DevOps is in many ways the popular little sister of Agile. She is not a completely new, rebellious generation, like Agile was to his mother Waterfall, but she looks up to her older brother and has a some opinions of her own.
Coming from the same family, DevOps and Agile have similar values and principles. The highest priority of Agile is to satisfy the customer through early and continuous delivery of valuable software. To create valuable software, Agile insists that business people, customers and developers collaborate and work together. DevOps agree, but her main concern is that Agile does not emphasize collaboration throughout the software life cycle as a whole, all the way to production support. She wants to collaborate with IT operations as well.
The highest priority of Agile is to satisfy the customer through early and continuous delivery of valuable software […]. DevOps agree […].
Agile has already lived long enough to see the consequences of his preachings. Agile principles were picked up by well-intentioned people (and inevitably people with economical motivations as well), turning them into methods and rituals that everyone wanted to join in on. But somewhere along the road paved with good intentions, Agile practitioners took a wrong turn, and the frustration towards Agile started growing.

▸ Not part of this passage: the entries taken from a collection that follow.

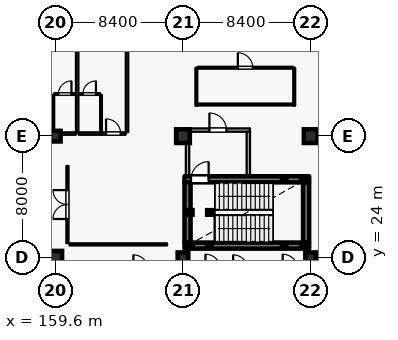
"""IFC4 building model, lengths in metres.
Left out: names, types, materials, properties, quantities, classifications, styles, units other than length and angle.
Written with IfcOpenShell. Run it as: python <this file> out.ifc"""

import sys

from ifc_helpers import new_model, si_unit, direction, frame, frame_2d, origin, origin_2d, place, context, subcontext, project, spatial, rectangle, hollow_rectangle, extrude, element, fill, save


model = new_model("IFC4")
c1 = context("Model", 3, precision=1e-05, world=origin(), true_north=direction((0.0, 1.0)))
c2 = subcontext(c1, "Body", "Model", "MODEL_VIEW")
j1 = project(units=[si_unit("LENGTHUNIT", "METRE"), si_unit("PLANEANGLEUNIT", "RADIAN")], contexts=[c1])
p1 = place(None, origin())
s1 = spatial("IfcSite", under=j1, at=p1, CompositionType="ELEMENT")
p2 = place(p1, origin())
s2 = spatial("IfcBuilding", under=s1, at=p2, CompositionType="ELEMENT")
p3 = place(p2, frame((0.0, 0.0, 16.2)))
s3 = spatial("IfcBuildingStorey", under=s2, at=p3, CompositionType="ELEMENT", Elevation=16.2)
for number, where, z_axis, x_axis in (
    (1, (159.6, 24.0, 0.0), (0.0, 0.0, 1.0), (1.0, 0.0, 0.0)),
    (2, (168.0, 32.0, 0.0), (0.0, 0.0, 1.0), (1.0, 0.0, 0.0)),
    (3, (176.4, 32.0, 0.0), (0.0, 0.0, 1.0), (1.0, 0.0, 0.0)),
):
    element("IfcColumn", number, at=place(p3, frame(where, z_axis=z_axis, x_axis=x_axis)), inside=s3, PredefinedType="COLUMN", context=c2, shape_type="SweptSolid", body=[
        extrude(rectangle(XDim=0.9, YDim=0.9, at=origin_2d()), origin(), (0.0, 0.0, 1.0), 4.8),
    ])
for number, where, z_axis, x_axis in (
    (4, (159.6, 32.0, 0.0), (0.0, 0.0, 1.0), (1.0, 0.0, 0.0)),
    (5, (168.0, 24.0, 0.0), (0.0, 0.0, 1.0), (1.0, 0.0, 0.0)),
    (6, (176.4, 24.0, 0.0), (0.0, 0.0, 1.0), (1.0, 0.0, 0.0)),
):
    element("IfcColumn", number, at=place(p3, frame(where, z_axis=z_axis, x_axis=x_axis)), inside=s3, PredefinedType="COLUMN", context=c2, shape_type="SweptSolid", body=[
        extrude(rectangle(XDim=0.7, YDim=0.7, at=origin_2d()), origin(), (0.0, 0.0, 1.0), 4.8),
    ])
p4 = place(p3, frame((168.1, 24.8, 0.0), z_axis=(0.0, 0.0, 1.0), x_axis=(1.0, 0.0, 0.0)))
e7 = element("IfcWall", 7, at=p4, inside=s3, PredefinedType="SHEAR", context=c2, shape_type="SweptSolid", body=[
    extrude(rectangle(XDim=8.2, YDim=0.4, at=frame_2d((4.1, 0.0))), origin(), (0.0, 0.0, 1.0), 4.535),
])
p5 = place(p3, frame((176.1, 25.005, 0.0), z_axis=(0.0, 0.0, 1.0), x_axis=(0.0, 1.0, 0.0)))
e8 = element("IfcWall", 8, at=p5, inside=s3, PredefinedType="SHEAR", context=c2, shape_type="SweptSolid", body=[
    extrude(rectangle(XDim=3.95, YDim=0.4, at=frame_2d((1.975, 0.0))), origin(), (0.0, 0.0, 1.0), 4.535),
])
p6 = place(p3, frame((168.1, 29.16, 0.0), z_axis=(0.0, 0.0, 1.0), x_axis=(1.0, 0.0, 0.0)))
e9 = element("IfcWall", 9, at=p6, inside=s3, PredefinedType="SHEAR", context=c2, shape_type="SweptSolid", body=[
    extrude(rectangle(XDim=8.2, YDim=0.4, at=frame_2d((4.1, 0.0))), origin(), (0.0, 0.0, 1.0), 4.535),
])
p7 = place(p6, frame((0.43, 0.0, 0.0)))
e10 = element("IfcOpeningElement", 10, at=p7, cuts=e9, PredefinedType="OPENING", context=c2, shape_type="SweptSolid", body=[
    extrude(rectangle(XDim=1.16, YDim=2.2, at=frame_2d((0.58, 1.1))), frame((0.0, 0.21, 0.0), z_axis=(0.0, -1.0, 0.0), x_axis=(1.0, 0.0, 0.0)), (0.0, 0.0, 1.0), 0.42),
])
p8 = place(p3, frame((168.3, 25.005, 0.0), z_axis=(0.0, 0.0, 1.0), x_axis=(0.0, 1.0, 0.0)))
e11 = element("IfcWall", 11, at=p8, inside=s3, PredefinedType="SHEAR", context=c2, shape_type="SweptSolid", body=[
    extrude(rectangle(XDim=3.95, YDim=0.4, at=frame_2d((1.975, 0.0))), origin(), (0.0, 0.0, 1.0), 4.535),
])
p9 = place(p3, frame((168.3, 29.365, 0.0), z_axis=(0.0, 0.0, 1.0), x_axis=(0.0, 1.0, 0.0)))
e12 = element("IfcWall", 12, at=p9, inside=s3, PredefinedType="PARTITIONING", context=c2, shape_type="SweptSolid", body=[
    extrude(rectangle(XDim=2.92, YDim=0.22, at=frame_2d((1.46, 0.0))), origin(), (0.0, 0.0, 1.0), 4.535),
])
p10 = place(p3, frame((168.19, 32.4, 0.0), z_axis=(0.0, 0.0, 1.0), x_axis=(1.0, 0.0, 0.0)))
e13 = element("IfcWall", 13, at=p10, inside=s3, PredefinedType="PARTITIONING", context=c2, shape_type="SweptSolid", body=[
    extrude(rectangle(XDim=4.22, YDim=0.22, at=frame_2d((2.11, 0.0))), origin(), (0.0, 0.0, 1.0), 4.535),
])
p11 = place(p10, frame((1.55, 0.0, 0.0)))
e14 = element("IfcOpeningElement", 14, at=p11, cuts=e13, PredefinedType="OPENING", context=c2, shape_type="SweptSolid", body=[
    extrude(rectangle(XDim=1.12, YDim=2.2, at=frame_2d((0.56, 1.1))), frame((0.0, 0.12, 0.0), z_axis=(0.0, -1.0, 0.0), x_axis=(1.0, 0.0, 0.0)), (0.0, 0.0, 1.0), 0.24),
])
p12 = place(p3, frame((172.3, 29.365, 0.0), z_axis=(0.0, 0.0, 1.0), x_axis=(0.0, 1.0, 0.0)))
e15 = element("IfcWall", 15, at=p12, inside=s3, PredefinedType="PARTITIONING", context=c2, shape_type="SweptSolid", body=[
    extrude(rectangle(XDim=2.92, YDim=0.22, at=frame_2d((1.46, 0.0))), origin(), (0.0, 0.0, 1.0), 4.535),
])
for number, where, z_axis, x_axis in (
    (16, (168.48, 24.8, 0.0), (0.0, 0.0, 1.0), (1.0, 0.0, 0.0)),
    (17, (168.48, 26.98, 0.0), (0.0, 0.0, 1.0), (1.0, 0.0, 0.0)),
    (18, (169.74, 24.8, 0.0), (0.0, 0.0, 1.0), (1.0, 0.0, 0.0)),
    (19, (169.74, 26.98, 0.0), (0.0, 0.0, 1.0), (1.0, 0.0, 0.0)),
):
    element("IfcColumn", number, at=place(p3, frame(where, z_axis=z_axis, x_axis=x_axis)), inside=s3, PredefinedType="COLUMN", context=c2, shape_type="SweptSolid", body=[
        extrude(hollow_rectangle(XDim=0.3, YDim=0.3, WallThickness=0.012, at=origin_2d()), origin(), (0.0, 0.0, 1.0), 4.62),
    ])
for number, where, z_axis, x_axis in (
    (20, (174.66, 24.8, -2.4), (0.0, 0.0, 1.0), (1.0, 0.0, 0.0)),
    (21, (174.66, 29.16, -2.4), (0.0, 0.0, 1.0), (1.0, 0.0, 0.0)),
    (22, (175.92, 24.8, -2.4), (0.0, 0.0, 1.0), (1.0, 0.0, 0.0)),
    (23, (175.92, 29.16, -2.4), (0.0, 0.0, 1.0), (1.0, 0.0, 0.0)),
):
    element("IfcColumn", number, at=place(p3, frame(where, z_axis=z_axis, x_axis=x_axis)), inside=s3, PredefinedType="COLUMN", context=c2, shape_type="SweptSolid", body=[
        extrude(hollow_rectangle(XDim=0.3, YDim=0.3, WallThickness=0.012, at=origin_2d()), origin(), (0.0, 0.0, 1.0), 4.62),
    ])
p13 = place(p3, frame((157.85, 32.17, 0.0), z_axis=(0.0, 0.0, 1.0), x_axis=(1.0, 0.0, 0.0)))
e24 = element("IfcWall", 24, at=p13, inside=s3, PredefinedType="PARTITIONING", context=c2, shape_type="SweptSolid", body=[
    extrude(rectangle(XDim=1.62, YDim=0.16, at=frame_2d((0.81, 0.0))), origin(), (0.0, 0.0, 1.0), 4.535),
])
p14 = place(p13, frame((0.308, 0.0, 0.0)))
e25 = element("IfcOpeningElement", 25, at=p14, cuts=e24, PredefinedType="OPENING", context=c2, shape_type="SweptSolid", body=[
    extrude(rectangle(XDim=0.96, YDim=2.2, at=frame_2d((0.48, 1.1))), frame((0.0, 0.09, 0.0), z_axis=(0.0, -1.0, 0.0), x_axis=(1.0, 0.0, 0.0)), (0.0, 0.0, 1.0), 0.18),
])
p15 = place(p3, frame((159.48, 32.17, 0.0), z_axis=(0.0, 0.0, 1.0), x_axis=(1.0, 0.0, 0.0)))
e26 = element("IfcWall", 26, at=p15, inside=s3, PredefinedType="PARTITIONING", context=c2, shape_type="SweptSolid", body=[
    extrude(rectangle(XDim=1.47, YDim=0.16, at=frame_2d((0.735, 0.0))), origin(), (0.0, 0.0, 1.0), 4.535),
])
p16 = place(p3, frame((159.47, 32.26, 0.0), z_axis=(0.0, 0.0, 1.0), x_axis=(0.0, 1.0, 0.0)))
e27 = element("IfcWall", 27, at=p16, inside=s3, PredefinedType="PARTITIONING", context=c2, shape_type="SweptSolid", body=[
    extrude(rectangle(XDim=2.45, YDim=0.115, at=frame_2d((1.225, 0.0))), origin(), (0.0, 0.0, 1.0), 4.535),
])
p17 = place(p3, frame((159.53, 34.77, 0.0), z_axis=(0.0, 0.0, 1.0), x_axis=(1.0, 0.0, 0.0)))
e28 = element("IfcWall", 28, at=p17, inside=s3, PredefinedType="PARTITIONING", context=c2, shape_type="SweptSolid", body=[
    extrude(rectangle(XDim=1.41, YDim=0.115, at=frame_2d((0.705, 0.0))), origin(), (0.0, 0.0, 1.0), 4.535),
])
p18 = place(p17, frame((0.275, 0.0, 0.0)))
e29 = element("IfcOpeningElement", 29, at=p18, cuts=e28, PredefinedType="OPENING", context=c2, shape_type="SweptSolid", body=[
    extrude(rectangle(XDim=0.86, YDim=2.12, at=frame_2d((0.43, 1.06))), frame((0.0, 0.067, 0.0), z_axis=(0.0, -1.0, 0.0), x_axis=(1.0, 0.0, 0.0)), (0.0, 0.0, 1.0), 0.135),
])
p19 = place(p3, frame((161.13, 32.17, 0.0), z_axis=(0.0, 0.0, 1.0), x_axis=(1.0, 0.0, 0.0)))
e30 = element("IfcWall", 30, at=p19, inside=s3, PredefinedType="PARTITIONING", context=c2, shape_type="SweptSolid", body=[
    extrude(rectangle(XDim=1.47, YDim=0.16, at=frame_2d((0.735, 0.0))), origin(), (0.0, 0.0, 1.0), 4.535),
])
p20 = place(p3, frame((162.61, 32.17, 0.0), z_axis=(0.0, 0.0, 1.0), x_axis=(1.0, 0.0, 0.0)))
e31 = element("IfcWall", 31, at=p20, inside=s3, PredefinedType="PARTITIONING", context=c2, shape_type="SweptSolid", body=[
    extrude(rectangle(XDim=1.62, YDim=0.16, at=frame_2d((0.81, 0.0))), origin(), (0.0, 0.0, 1.0), 4.535),
])
p21 = place(p20, frame((0.33, 0.0, 0.0)))
e32 = element("IfcOpeningElement", 32, at=p21, cuts=e31, PredefinedType="OPENING", context=c2, shape_type="SweptSolid", body=[
    extrude(rectangle(XDim=0.96, YDim=2.2, at=frame_2d((0.48, 1.1))), frame((0.0, 0.09, 0.0), z_axis=(0.0, -1.0, 0.0), x_axis=(1.0, 0.0, 0.0)), (0.0, 0.0, 1.0), 0.18),
])
p22 = place(p3, frame((162.61, 32.26, 0.0), z_axis=(0.0, 0.0, 1.0), x_axis=(0.0, 1.0, 0.0)))
e33 = element("IfcWall", 33, at=p22, inside=s3, PredefinedType="PARTITIONING", context=c2, shape_type="SweptSolid", body=[
    extrude(rectangle(XDim=2.45, YDim=0.115, at=frame_2d((1.225, 0.0))), origin(), (0.0, 0.0, 1.0), 4.535),
])
p23 = place(p3, frame((161.14, 34.77, 0.0), z_axis=(0.0, 0.0, 1.0), x_axis=(1.0, 0.0, 0.0)))
e34 = element("IfcWall", 34, at=p23, inside=s3, PredefinedType="PARTITIONING", context=c2, shape_type="SweptSolid", body=[
    extrude(rectangle(XDim=1.41, YDim=0.115, at=frame_2d((0.705, 0.0))), origin(), (0.0, 0.0, 1.0), 4.535),
])
p24 = place(p23, frame((0.275, 0.0, 0.0)))
e35 = element("IfcOpeningElement", 35, at=p24, cuts=e34, PredefinedType="OPENING", context=c2, shape_type="SweptSolid", body=[
    extrude(rectangle(XDim=0.86, YDim=2.12, at=frame_2d((0.43, 1.06))), frame((0.0, 0.067, 0.0), z_axis=(0.0, -1.0, 0.0), x_axis=(1.0, 0.0, 0.0)), (0.0, 0.0, 1.0), 0.135),
])
p25 = place(p3, frame((161.04, 32.26, 0.0), z_axis=(0.0, 0.0, 1.0), x_axis=(0.0, 1.0, 0.0)))
e36 = element("IfcWall", 36, at=p25, inside=s3, PredefinedType="PARTITIONING", context=c2, shape_type="SweptSolid", body=[
    extrude(rectangle(XDim=8.77, YDim=0.16, at=frame_2d((4.385, 0.0))), origin(), (0.0, 0.0, 1.0), 4.535),
])
p26 = place(p3, frame((164.32, 32.26, 0.0), z_axis=(0.0, 0.0, 1.0), x_axis=(0.0, 1.0, 0.0)))
e37 = element("IfcWall", 37, at=p26, inside=s3, PredefinedType="PARTITIONING", context=c2, shape_type="SweptSolid", body=[
    extrude(rectangle(XDim=8.64, YDim=0.16, at=frame_2d((4.32, 0.0))), origin(), (0.0, 0.0, 1.0), 4.535),
])
p27 = place(p3, frame((160.4, 24.96, 0.0), z_axis=(0.0, 0.0, 1.0), x_axis=(0.0, 1.0, 0.0)))
e38 = element("IfcWall", 38, at=p27, inside=s3, PredefinedType="PARTITIONING", context=c2, shape_type="SweptSolid", body=[
    extrude(rectangle(XDim=5.08, YDim=0.14, at=frame_2d((2.54, 0.0))), origin(), (0.0, 0.0, 1.0), 4.535),
])
p28 = place(p27, frame((1.59, 0.0, 0.0)))
e39 = element("IfcOpeningElement", 39, at=p28, cuts=e38, PredefinedType="OPENING", context=c2, shape_type="SweptSolid", body=[
    extrude(rectangle(XDim=1.9, YDim=2.4, at=frame_2d((0.95, 1.2))), frame((0.0, 0.08, 0.0), z_axis=(0.0, -1.0, 0.0), x_axis=(1.0, 0.0, 0.0)), (0.0, 0.0, 1.0), 0.16),
])
p29 = place(p3, frame((160.54, 24.88, 0.0), z_axis=(0.0, 0.0, 1.0), x_axis=(1.0, 0.0, 0.0)))
e40 = element("IfcWall", 40, at=p29, inside=s3, PredefinedType="PARTITIONING", context=c2, shape_type="SweptSolid", body=[
    extrude(rectangle(XDim=6.41, YDim=0.14, at=frame_2d((3.205, 0.0))), origin(), (0.0, 0.0, 1.0), 4.535),
])
p30 = place(p3, frame((168.96, 36.5, 0.0), z_axis=(0.0, 0.0, 1.0), x_axis=(1.0, 0.0, 0.0)))
e41 = element("IfcWall", 41, at=p30, inside=s3, PredefinedType="PARTITIONING", context=c2, shape_type="SweptSolid", body=[
    extrude(rectangle(XDim=6.28, YDim=0.125, at=frame_2d((3.14, 0.0))), origin(), (0.0, 0.0, 1.0), 4.535),
])
p31 = place(p30, frame((2.65, 0.0, 0.0)))
e42 = element("IfcOpeningElement", 42, at=p31, cuts=e41, PredefinedType="OPENING", context=c2, shape_type="SweptSolid", body=[
    extrude(rectangle(XDim=0.98, YDim=2.15, at=frame_2d((0.49, 1.075))), frame((0.0, 0.073, 0.0), z_axis=(0.0, -1.0, 0.0), x_axis=(1.0, 0.0, 0.0)), (0.0, 0.0, 1.0), 0.145),
])
for number, where, z_axis, x_axis in (
    (43, (168.88, 34.0, 0.0), (0.0, 0.0, 1.0), (0.0, 1.0, 0.0)),
    (44, (175.32, 34.0, 0.0), (0.0, 0.0, 1.0), (0.0, 1.0, 0.0)),
):
    element("IfcWall", number, at=place(p3, frame(where, z_axis=z_axis, x_axis=x_axis)), inside=s3, PredefinedType="PARTITIONING", context=c2, shape_type="SweptSolid", body=[
        extrude(rectangle(XDim=2.496, YDim=0.125, at=frame_2d((1.248, 0.0))), origin(), (0.0, 0.0, 1.0), 4.535),
    ])
p32 = place(p3, frame((168.943, 34.08, 0.0), z_axis=(0.0, 0.0, 1.0), x_axis=(1.0, 0.0, 0.0)))
e45 = element("IfcWall", 45, at=p32, inside=s3, PredefinedType="PARTITIONING", context=c2, shape_type="SweptSolid", body=[
    extrude(rectangle(XDim=6.314, YDim=0.125, at=frame_2d((3.157, 0.0))), origin(), (0.0, 0.0, 1.0), 4.535),
])
p33 = place(p7, origin())
e46 = element("IfcDoor", 46, at=p33, inside=s3, OperationType="SINGLE_SWING_RIGHT", PredefinedType="DOOR", context=c2, shape_type="SweptSolid", body=[
    extrude(rectangle(XDim=1.16, YDim=2.2, at=frame_2d((0.58, 1.1))), frame((0.0, 0.025, 0.0), z_axis=(0.0, -1.0, 0.0), x_axis=(1.0, 0.0, 0.0)), (0.0, 0.0, 1.0), 0.05),
])
fill(e10, e46)
p34 = place(p11, origin())
e47 = element("IfcDoor", 47, at=p34, inside=s3, OperationType="SINGLE_SWING_LEFT", PredefinedType="DOOR", context=c2, shape_type="SweptSolid", body=[
    extrude(rectangle(XDim=1.12, YDim=2.2, at=frame_2d((0.56, 1.1))), frame((0.0, 0.025, 0.0), z_axis=(0.0, -1.0, 0.0), x_axis=(1.0, 0.0, 0.0)), (0.0, 0.0, 1.0), 0.05),
])
fill(e14, e47)
p35 = place(p18, origin())
e48 = element("IfcDoor", 48, at=p35, inside=s3, OperationType="SINGLE_SWING_RIGHT", PredefinedType="DOOR", context=c2, shape_type="SweptSolid", body=[
    extrude(rectangle(XDim=0.86, YDim=2.12, at=frame_2d((0.43, 1.06))), frame((0.0, 0.025, 0.0), z_axis=(0.0, -1.0, 0.0), x_axis=(1.0, 0.0, 0.0)), (0.0, 0.0, 1.0), 0.05),
])
fill(e29, e48)
p36 = place(p21, origin())
e49 = element("IfcDoor", 49, at=p36, inside=s3, OperationType="SINGLE_SWING_LEFT", PredefinedType="DOOR", context=c2, shape_type="SweptSolid", body=[
    extrude(rectangle(XDim=0.96, YDim=2.2, at=frame_2d((0.48, 1.1))), frame((0.0, 0.025, 0.0), z_axis=(0.0, -1.0, 0.0), x_axis=(1.0, 0.0, 0.0)), (0.0, 0.0, 1.0), 0.05),
])
fill(e32, e49)
p37 = place(p24, origin())
e50 = element("IfcDoor", 50, at=p37, inside=s3, OperationType="SINGLE_SWING_RIGHT", PredefinedType="DOOR", context=c2, shape_type="SweptSolid", body=[
    extrude(rectangle(XDim=0.86, YDim=2.12, at=frame_2d((0.43, 1.06))), frame((0.0, 0.025, 0.0), z_axis=(0.0, -1.0, 0.0), x_axis=(1.0, 0.0, 0.0)), (0.0, 0.0, 1.0), 0.05),
])
fill(e35, e50)
p38 = place(p28, origin())
e51 = element("IfcDoor", 51, at=p38, inside=s3, OperationType="DOUBLE_DOOR_SINGLE_SWING", PredefinedType="DOOR", context=c2, shape_type="SweptSolid", body=[
    extrude(rectangle(XDim=1.9, YDim=2.4, at=frame_2d((0.95, 1.2))), frame((0.0, 0.025, 0.0), z_axis=(0.0, -1.0, 0.0), x_axis=(1.0, 0.0, 0.0)), (0.0, 0.0, 1.0), 0.05),
])
fill(e39, e51)
p39 = place(p31, origin())
e52 = element("IfcDoor", 52, at=p39, inside=s3, OperationType="SINGLE_SWING_LEFT", PredefinedType="DOOR", context=c2, shape_type="SweptSolid", body=[
    extrude(rectangle(XDim=0.98, YDim=2.15, at=frame_2d((0.49, 1.075))), frame((0.0, 0.025, 0.0), z_axis=(0.0, -1.0, 0.0), x_axis=(1.0, 0.0, 0.0)), (0.0, 0.0, 1.0), 0.05),
])
fill(e42, e52)
save(model, sys.argv[1])

In the history of Agile, we have seen some unfortunate unintended consequences:
- Projects not producing a single line of documentation because working software is valued more (this has also been said to be the reason for the decline of UML)
- Projects being rewarded only for delivering value to the end-user on time – not the quality of the product
- Customers not specifying any requirements up-front because “You are supposed to welcome changing requirements late in development” or “Isn’t ‘agile’ the just another word for ‘flexible’?”
- Product owners not representative of the end-users prioritizing features and giving feedback on the product alone
- Scrum teams having worthless daily standups and other Agile rituals that no one really sees the point in
- Cross-functional Scrum teams where developers are forced to pair-program and rotate all the tasks, turning specialists into miserable, average performers
Ironically, Agile processes and tools became the main focus for many of its followers, even though the first value of Agile is individuals and interactions over processes and tools. Many practitioners also seem to skip the basic understanding of the values and principles, and applied them with no pragmatic sense at all.
Ironically, Agile processes and tools became the main focus for many of its followers, even though the first value of Agile is individuals and interactions over processes and tools.
Agile received many hate mails because of this. Is DevOps in store for the same kind of misuse and harassments?
A common interpretation of DevOps is that the people implementing the software should be the same people running it. This way, developers are accountable for what happens after release as well. This will lead to better quality, as the developers have an interest in making the system less error-prone and easy to maintain. In a context with virtualization, cloud computing, automated tests and quick and easy deployment, this implementation of DevOps can be a great success.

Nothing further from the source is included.